O'Connor left him a bit of money so he bought a small apartment in North Bergen on the top floor of a seven-story building atop a Palisades ridge. His windows looks west over the expanse of the Meadowlands and to the Watchung Mountains, but Sundholm usually paints what's immediately in front of him. Except the beach.

"I've only been to the beach five times, but I paint it from memory," he said. "I like the colors."

After he settled in, he got a job working as a janitor at the North Bergen Municipal Building. There, he began to do ink drawings of people he worked with.

Sundholm's talent got two women in the office to take interest in him.
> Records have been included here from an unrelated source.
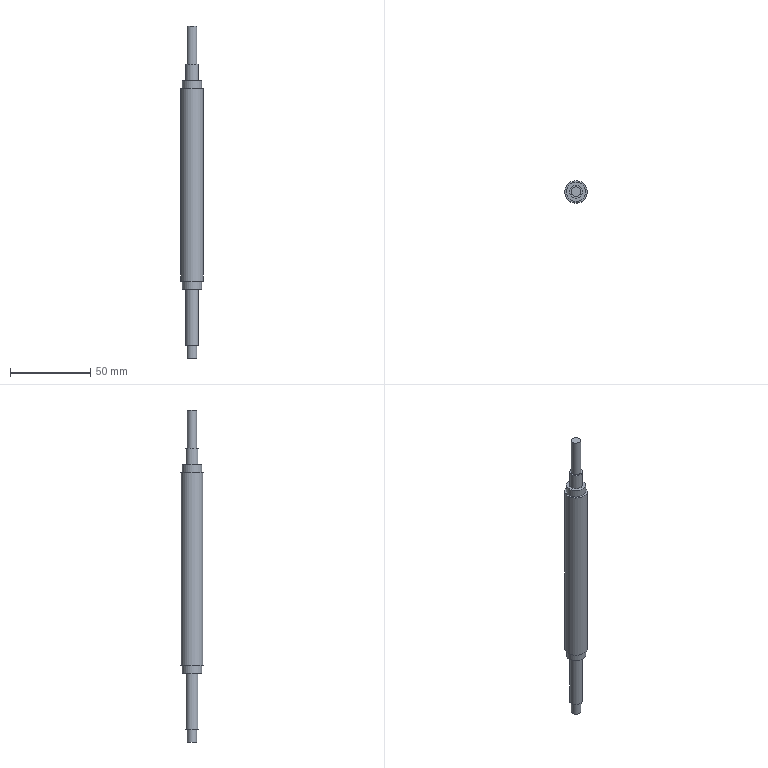Component | NX | Z_AXIS_LEADSCREW | 1 solid | 15 faces | box 14 x 14 x 207 mm | volume 22770 mm3 | plane 8 | cylinder 7 | commonest cylinder face diameters 6 x2 8 x2 12 x2 14 x1
STEP:
#1=CARTESIAN_POINT('',(0.,0.,0.));
#2=DIRECTION('',(0.,0.,1.));
#3=DIRECTION('',(1.,0.,0.));
#4=AXIS2_PLACEMENT_3D('',#1,#2,#3);
#5=CARTESIAN_POINT('',(628.689,-150.302,-1191.));
#6=VERTEX_POINT('',#5);
#7=CARTESIAN_POINT('',(625.689,-150.302,-1191.));
#8=DIRECTION('',(0.,0.,1.));
#9=DIRECTION('',(1.,0.,0.));
#10=AXIS2_PLACEMENT_3D('',#7,#8,#9);
#11=CIRCLE('',#10,3.);
#12=CARTESIAN_POINT('',(625.689,-150.302,-1191.));
#13=DIRECTION('',(0.,0.,1.));
#14=DIRECTION('',(1.,0.,0.));
#15=AXIS2_PLACEMENT_3D('',#12,#13,#14);
#16=PLANE('',#15);
#17=CARTESIAN_POINT('',(0.,0.));
#18=DIRECTION('',(1.,0.));
#19=AXIS2_PLACEMENT_2D('',#17,#18);
#20=CIRCLE('',#19,3.);
#21=(GEOMETRIC_REPRESENTATION_CONTEXT(2)PARAMETRIC_REPRESENTATION_CONTEXT()REPRESENTATION_CONTEXT('',''));
#22=DEFINITIONAL_REPRESENTATION('',(#20),#21);
#23=PCURVE('',#16,#22);
#24=CARTESIAN_POINT('',(625.689,-150.302,-1083.));
#25=DIRECTION('',(0.,0.,1.));
#26=DIRECTION('',(1.,0.,0.));
#27=AXIS2_PLACEMENT_3D('',#24,#25,#26);
#28=CYLINDRICAL_SURFACE('',#27,3.);
#29=CARTESIAN_POINT('',(0.,-108.));
#30=DIRECTION('',(1.,0.));
#31=VECTOR('',#30,1.);
#32=LINE('',#29,#31);
#33=(GEOMETRIC_REPRESENTATION_CONTEXT(2)PARAMETRIC_REPRESENTATION_CONTEXT()REPRESENTATION_CONTEXT('',''));
#34=DEFINITIONAL_REPRESENTATION('',(#32),#33);
#35=PCURVE('',#28,#34);
#36=SURFACE_CURVE('',#11,(#23,#35),.PCURVE_S1.);
#37=EDGE_CURVE('',#6,#6,#36,.T.);
#38=ORIENTED_EDGE('',*,*,#37,.F.);
#39=EDGE_LOOP('',(#38));
#40=FACE_BOUND('',#39,.T.);
#41=ADVANCED_FACE('',(#40),#16,.F.);
#42=CARTESIAN_POINT('',(628.689,-150.302,-984.));
#43=VERTEX_POINT('',#42);
#44=CARTESIAN_POINT('',(625.689,-150.302,-984.));
#45=DIRECTION('',(0.,0.,1.));
#46=DIRECTION('',(1.,0.,0.));
#47=AXIS2_PLACEMENT_3D('',#44,#45,#46);
#48=CIRCLE('',#47,3.);
#49=CARTESIAN_POINT('',(625.689,-150.302,-984.));
#50=DIRECTION('',(0.,0.,1.));
#51=DIRECTION('',(1.,0.,0.));
#52=AXIS2_PLACEMENT_3D('',#49,#50,#51);
#53=PLANE('',#52);
#54=CARTESIAN_POINT('',(0.,0.));
#55=DIRECTION('',(1.,0.));
#56=AXIS2_PLACEMENT_2D('',#54,#55);
#57=CIRCLE('',#56,3.);
#58=(GEOMETRIC_REPRESENTATION_CONTEXT(2)PARAMETRIC_REPRESENTATION_CONTEXT()REPRESENTATION_CONTEXT('',''));
#59=DEFINITIONAL_REPRESENTATION('',(#57),#58);
#60=PCURVE('',#53,#59);
#61=CARTESIAN_POINT('',(625.689,-150.302,-1083.));
#62=DIRECTION('',(0.,0.,1.));
#63=DIRECTION('',(1.,0.,0.));
#64=AXIS2_PLACEMENT_3D('',#61,#62,#63);
#65=CYLINDRICAL_SURFACE('',#64,3.);
#66=CARTESIAN_POINT('',(0.,99.));
#67=DIRECTION('',(1.,0.));
#68=VECTOR('',#67,1.);
#69=LINE('',#66,#68);
#70=(GEOMETRIC_REPRESENTATION_CONTEXT(2)PARAMETRIC_REPRESENTATION_CONTEXT()REPRESENTATION_CONTEXT('',''));
#71=DEFINITIONAL_REPRESENTATION('',(#69),#70);
#72=PCURVE('',#65,#71);
#73=SURFACE_CURVE('',#48,(#60,#72),.PCURVE_S1.);
#74=EDGE_CURVE('',#43,#43,#73,.T.);
#75=ORIENTED_EDGE('',*,*,#74,.T.);
#76=EDGE_LOOP('',(#75));
#77=FACE_BOUND('',#76,.T.);
#78=ADVANCED_FACE('',(#77),#53,.T.);
#79=ORIENTED_EDGE('',*,*,#74,.F.);
#80=CARTESIAN_POINT('',(628.689,-150.302,-1008.));
#81=VERTEX_POINT('',#80);
#82=CARTESIAN_POINT('',(628.689,-150.302,-1008.));
#83=CARTESIAN_POINT('',(628.689,-150.302,-984.));
#84=B_SPLINE_CURVE_WITH_KNOTS('',1,(#82,#83),.UNSPECIFIED.,.F.,.F.,(2,2),(75.,99.),.PIECEWISE_BEZIER_KNOTS.);
#85=CARTESIAN_POINT('',(0.,0.));
#86=DIRECTION('',(0.,1.));
#87=VECTOR('',#86,1.);
#88=LINE('',#85,#87);
#89=(GEOMETRIC_REPRESENTATION_CONTEXT(2)PARAMETRIC_REPRESENTATION_CONTEXT()REPRESENTATION_CONTEXT('',''));
#90=DEFINITIONAL_REPRESENTATION('',(#88),#89);
#91=PCURVE('',#65,#90);
#92=CARTESIAN_POINT('',(6.283,0.));
#93=DIRECTION('',(0.,1.));
#94=VECTOR('',#93,1.);
#95=LINE('',#92,#94);
#96=(GEOMETRIC_REPRESENTATION_CONTEXT(2)PARAMETRIC_REPRESENTATION_CONTEXT()REPRESENTATION_CONTEXT('',''));
#97=DEFINITIONAL_REPRESENTATION('',(#95),#96);
#98=PCURVE('',#65,#97);
#99=SEAM_CURVE('',#84,(#91,#98),.PCURVE_S1.);
#100=EDGE_CURVE('',#81,#43,#99,.T.);
#101=ORIENTED_EDGE('',*,*,#100,.F.);
#102=CARTESIAN_POINT('',(625.689,-150.302,-1008.));
#103=DIRECTION('',(0.,0.,1.));
#104=DIRECTION('',(1.,0.,0.));
#105=AXIS2_PLACEMENT_3D('',#102,#103,#104);
#106=CIRCLE('',#105,3.);
#107=CARTESIAN_POINT('',(0.,75.));
#108=DIRECTION('',(1.,0.));
#109=VECTOR('',#108,1.);
#110=LINE('',#107,#109);
#111=(GEOMETRIC_REPRESENTATION_CONTEXT(2)PARAMETRIC_REPRESENTATION_CONTEXT()REPRESENTATION_CONTEXT('',''));
#112=DEFINITIONAL_REPRESENTATION('',(#110),#111);
#113=PCURVE('',#65,#112);
#114=CARTESIAN_POINT('',(621.689,-150.302,-1008.));
#115=DIRECTION('',(0.,0.,-1.));
#116=DIRECTION('',(-1.,0.,0.));
#117=AXIS2_PLACEMENT_3D('',#114,#115,#116);
#118=PLANE('',#117);
#119=CARTESIAN_POINT('',(-7.,0.));
#120=CARTESIAN_POINT('',(-7.,5.196));
#121=CARTESIAN_POINT('',(-2.5,2.598));
#122=CARTESIAN_POINT('',(2.,0.));
#123=CARTESIAN_POINT('',(-2.5,-2.598));
#124=CARTESIAN_POINT('',(-7.,-5.196));
#125=CARTESIAN_POINT('',(-7.,0.));
#126=(BOUNDED_CURVE()B_SPLINE_CURVE(2,(#119,#120,#121,#122,#123,#124,#125),.UNSPECIFIED.,.T.,.F.)B_SPLINE_CURVE_WITH_KNOTS((1,2,2,2,2,1),(-2.094,0.,2.094,4.189,6.283,8.378),.UNSPECIFIED.)CURVE()GEOMETRIC_REPRESENTATION_ITEM()RATIONAL_B_SPLINE_CURVE((1.,0.5,1.,0.5,1.,0.5,1.))REPRESENTATION_ITEM(''));
#127=(GEOMETRIC_REPRESENTATION_CONTEXT(2)PARAMETRIC_REPRESENTATION_CONTEXT()REPRESENTATION_CONTEXT('',''));
#128=DEFINITIONAL_REPRESENTATION('',(#126),#127);
#129=PCURVE('',#118,#128);
#130=SURFACE_CURVE('',#106,(#113,#129),.PCURVE_S1.);
#131=EDGE_CURVE('',#81,#81,#130,.T.);
#132=ORIENTED_EDGE('',*,*,#131,.T.);
#133=ORIENTED_EDGE('',*,*,#100,.T.);
#134=EDGE_LOOP('',(#79,#101,#132,#133));
#135=FACE_BOUND('',#134,.T.);
#136=ADVANCED_FACE('',(#135),#65,.T.);
#137=ORIENTED_EDGE('',*,*,#131,.F.);
#138=EDGE_LOOP('',(#137));
#139=FACE_BOUND('',#138,.T.);
#140=CARTESIAN_POINT('',(629.689,-150.302,-1008.));
#141=VERTEX_POINT('',#140);
#142=CARTESIAN_POINT('',(625.689,-150.302,-1008.));
#143=DIRECTION('',(0.,0.,1.));
#144=DIRECTION('',(1.,0.,0.));
#145=AXIS2_PLACEMENT_3D('',#142,#143,#144);
#146=CIRCLE('',#145,4.);
#147=CARTESIAN_POINT('',(-8.,0.));
#148=CARTESIAN_POINT('',(-8.,6.928));
#149=CARTESIAN_POINT('',(-2.,3.464));
#150=CARTESIAN_POINT('',(4.,0.));
#151=CARTESIAN_POINT('',(-2.,-3.464));
#152=CARTESIAN_POINT('',(-8.,-6.928));
#153=CARTESIAN_POINT('',(-8.,0.));
#154=(BOUNDED_CURVE()B_SPLINE_CURVE(2,(#147,#148,#149,#150,#151,#152,#153),.UNSPECIFIED.,.T.,.F.)B_SPLINE_CURVE_WITH_KNOTS((1,2,2,2,2,1),(-2.094,0.,2.094,4.189,6.283,8.378),.UNSPECIFIED.)CURVE()GEOMETRIC_REPRESENTATION_ITEM()RATIONAL_B_SPLINE_CURVE((1.,0.5,1.,0.5,1.,0.5,1.))REPRESENTATION_ITEM(''));
#155=(GEOMETRIC_REPRESENTATION_CONTEXT(2)PARAMETRIC_REPRESENTATION_CONTEXT()REPRESENTATION_CONTEXT('',''));
#156=DEFINITIONAL_REPRESENTATION('',(#154),#155);
#157=PCURVE('',#118,#156);
#158=CARTESIAN_POINT('',(625.689,-150.302,-1083.));
#159=DIRECTION('',(0.,0.,1.));
#160=DIRECTION('',(1.,0.,0.));
#161=AXIS2_PLACEMENT_3D('',#158,#159,#160);
#162=CYLINDRICAL_SURFACE('',#161,4.);
#163=CARTESIAN_POINT('',(0.,75.));
#164=DIRECTION('',(1.,0.));
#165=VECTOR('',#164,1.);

"I was 60 by then and never painted," he said. "They gave me colored pencils and paint."

And just like that, the world of color opened up to Sundholm. He painted almost compulsively. Some ended up taped in the halls and offices of the municipal building, where they were discovered by Belardinelli.

"He was this very simple guy," said Belardinelli, who lives in Boonton. "When he came down to my sister's office he went right to trash cans to empty them and barely looked up. You could tell he worked hard at his job, but I could also see there was a lot more to him."

Belardinelli wanted to see more of his work and Sundholm invited him to his apartment. And that's when Belardinelli saw the full extent of Sundholm's productivity.

"He had one room just stacked with paintings," he said. "They were lining the hallways, on the walls. I grabbed 30 of them and put them in my convertible." 

He took the work to Salon X in Jersey City, where he had a show of his own scheduled. But was so intrigued by Sundholm's work he told the gallery to give Sundholm his spot.

"I wanted to help him," Belardinelli said. "I had the connections to show his work to collectors and friends."

In between then and now, the men were out of touch for several years. Belardinelli was tending to his mother's illness and Sundholm briefly gave up painting. But in 2015, Sundholm reached out to say he was painting again.

The North Bergen apartment remains as full with paintings as when Belardinelli first visited, despite the fact that Sundholm's given hundreds away.

Sundholm paints nonstop, doing five every day, either watercolors on paper or acrylic on canvas.

The smell of paint is heavy in the air, and he works on a kitchen counter in between a color-splattered toaster and the refrigerator. Newspapers line the space and he mixes colors on paper plates.

He works his own photographs.

"But I like painting better than taking pictures," Sundholm said. "With pictures you only snap the camera. In painting I can control everything. I control the colors. In acrylic especially I can add in fantasy and charm."

Belardinelli started the Marianne B Gallery online to showcase Sundholm's work.

Several of his pieces were accepted in the Leslie-Lohman Museum of Gay and Lesbian Art, and the he exhibited at the annual Outsider Art Fair, which  features artists with no formal training.

After that show, here's what New York Times critic Roberta Smith had to say in making Sundholm a breakthrough artist at age of 75:

After a sometimes harrowing life, Mr. Sundholm has finally made good on his desire to paint, depicting city scenes in a brushy fly-away style descended from Oskar Kokoschka and European Expressionism. They sometimes miss, but when they hit, they unerringly fuse abandon and reality."

That description tickles Sundholm.

"That's the whole reason I paint," he said. "To abandon reality. When I paint, I escape reality. I enjoy every single moment."